# Colt Navy 44 questions



## Capt Quirk (May 12, 2017)

While I always wanted a Dragoon, I have found a Navy model in .44. I am sure that it is a repop, and fairly sure it is a Colt. They want $125 for it, because it looks like it was in the Civil War... and lost.

Now, I know just enough about cap and ball pistols to just be dangerous. So feel free to correct any errors.

I have read that you can get a conversion cylinder, that will allow you to fire modern cartridges. I also read that you would need to use a soft lead round, and a weaker round too. Then, I read that you can't use these with a 44, unless it is a newer Uberti or Pietti... and it is a steel frame, not brass. 

As far as cosmetics, I have nothing against ugly guns, as long as they do what they are supposed to. The finish is a little rough, but not the worst I've seen. The action feels pretty good. But, there is a flat bar that goes through the frame, just above the pivot point for the loading rod. It almost looks like it had been hammered at one point. Is this important, and if so, is it easy to get and replace?

And finally, I'm thinking it isn't a candidate for the conversion. So, how hard is it to find the balls and caps? Do I need to use a certain type of powder?

Thanks


----------



## leoparddog (May 12, 2017)

Balls, caps and powder aren't hard to find.  For powder you must stick to true Black Powder or Pyrodex.   I recommend a layer of Crisco or Bore Butter over the top of the load to prevent a chain fire.  If you find a conversion cylinder, I think you have to stick to "cowboy loads", but you'll need to research that with the whoever made the cylinder and do what they recommend.


----------



## TrailBlazinMan (May 13, 2017)

The wedge being hammered on is no big deal. All it does is hold the barrel to the frame and as long as it is doing this without wiggling then good. This is a frequent find on not well cared for pieces.


----------



## SASS249 (May 13, 2017)

If this is a brass framed gun then it is a colt replica, not a colt.  Also Colt never made 44 caliber Navy revolvers to my knowledge.

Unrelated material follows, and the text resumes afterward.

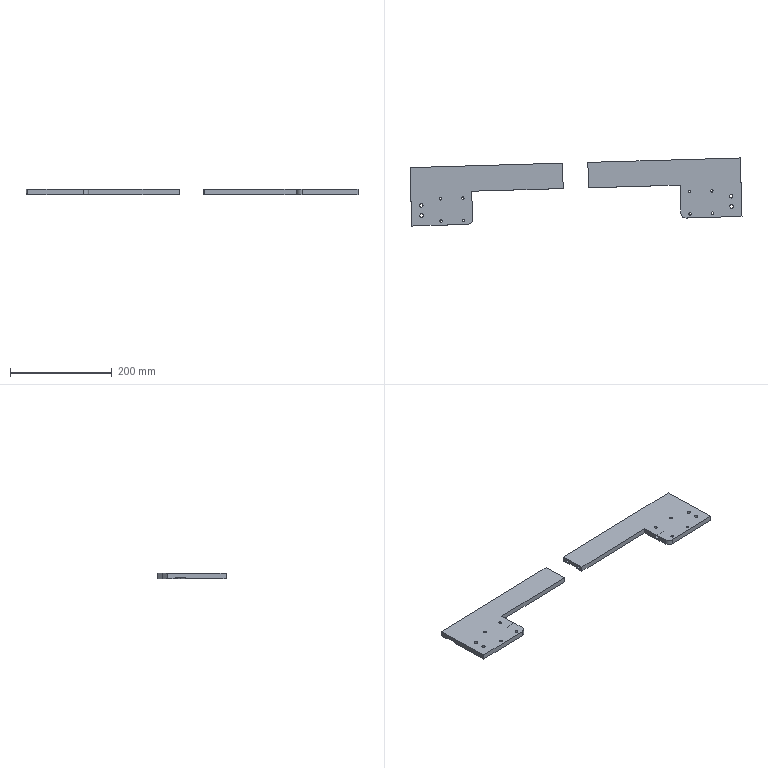Component | SolidWorks | ClampingCylinderMountingPlate-1 | 2 solids | 74 faces | volume 425299 mm3 | cylinder 38 | plane 24 | cone 12 | commonest cylinder face diameters 5 x24 6.8 x8 8.002 x4 20 x2 | material 6063

You can buy a NIB replica form Cabelas for less than $200.00 at $125  for a rough gub nit sure this is a bargain


----------



## Capt Quirk (May 13, 2017)

SASS249 said:


> If this is a brass framed gun then it is a colt replica, not a colt.  Also Colt never made 44 caliber Navy revolvers to my knowledge.
> 
> You can buy a NIB replica form Cabelas for less than $200.00 at $125  for a rough gub nit sure this is a bargain



Agreed, the Navy was .36 cal. For $250 or less, yeah, you can buy brand new... but the $75-$125 savings would buy gas for a week or two. I would love to have one, but not worth going without, ya know? Depending on the age, it might still be worth having. If nothing else, for the vintage factor.


----------



## Capt Quirk (May 13, 2017)

On the bottom of the frame, next to the serial number, is what looks like a maker's mark. It is either EAT or FAT. Can't seem to find any info on that either.


----------



## SASS249 (May 14, 2017)

Notice in your description you did not mention how the bore looks.


----------



## Capt Quirk (May 14, 2017)

SASS249 said:


> Notice in your description you did not mention how the bore looks.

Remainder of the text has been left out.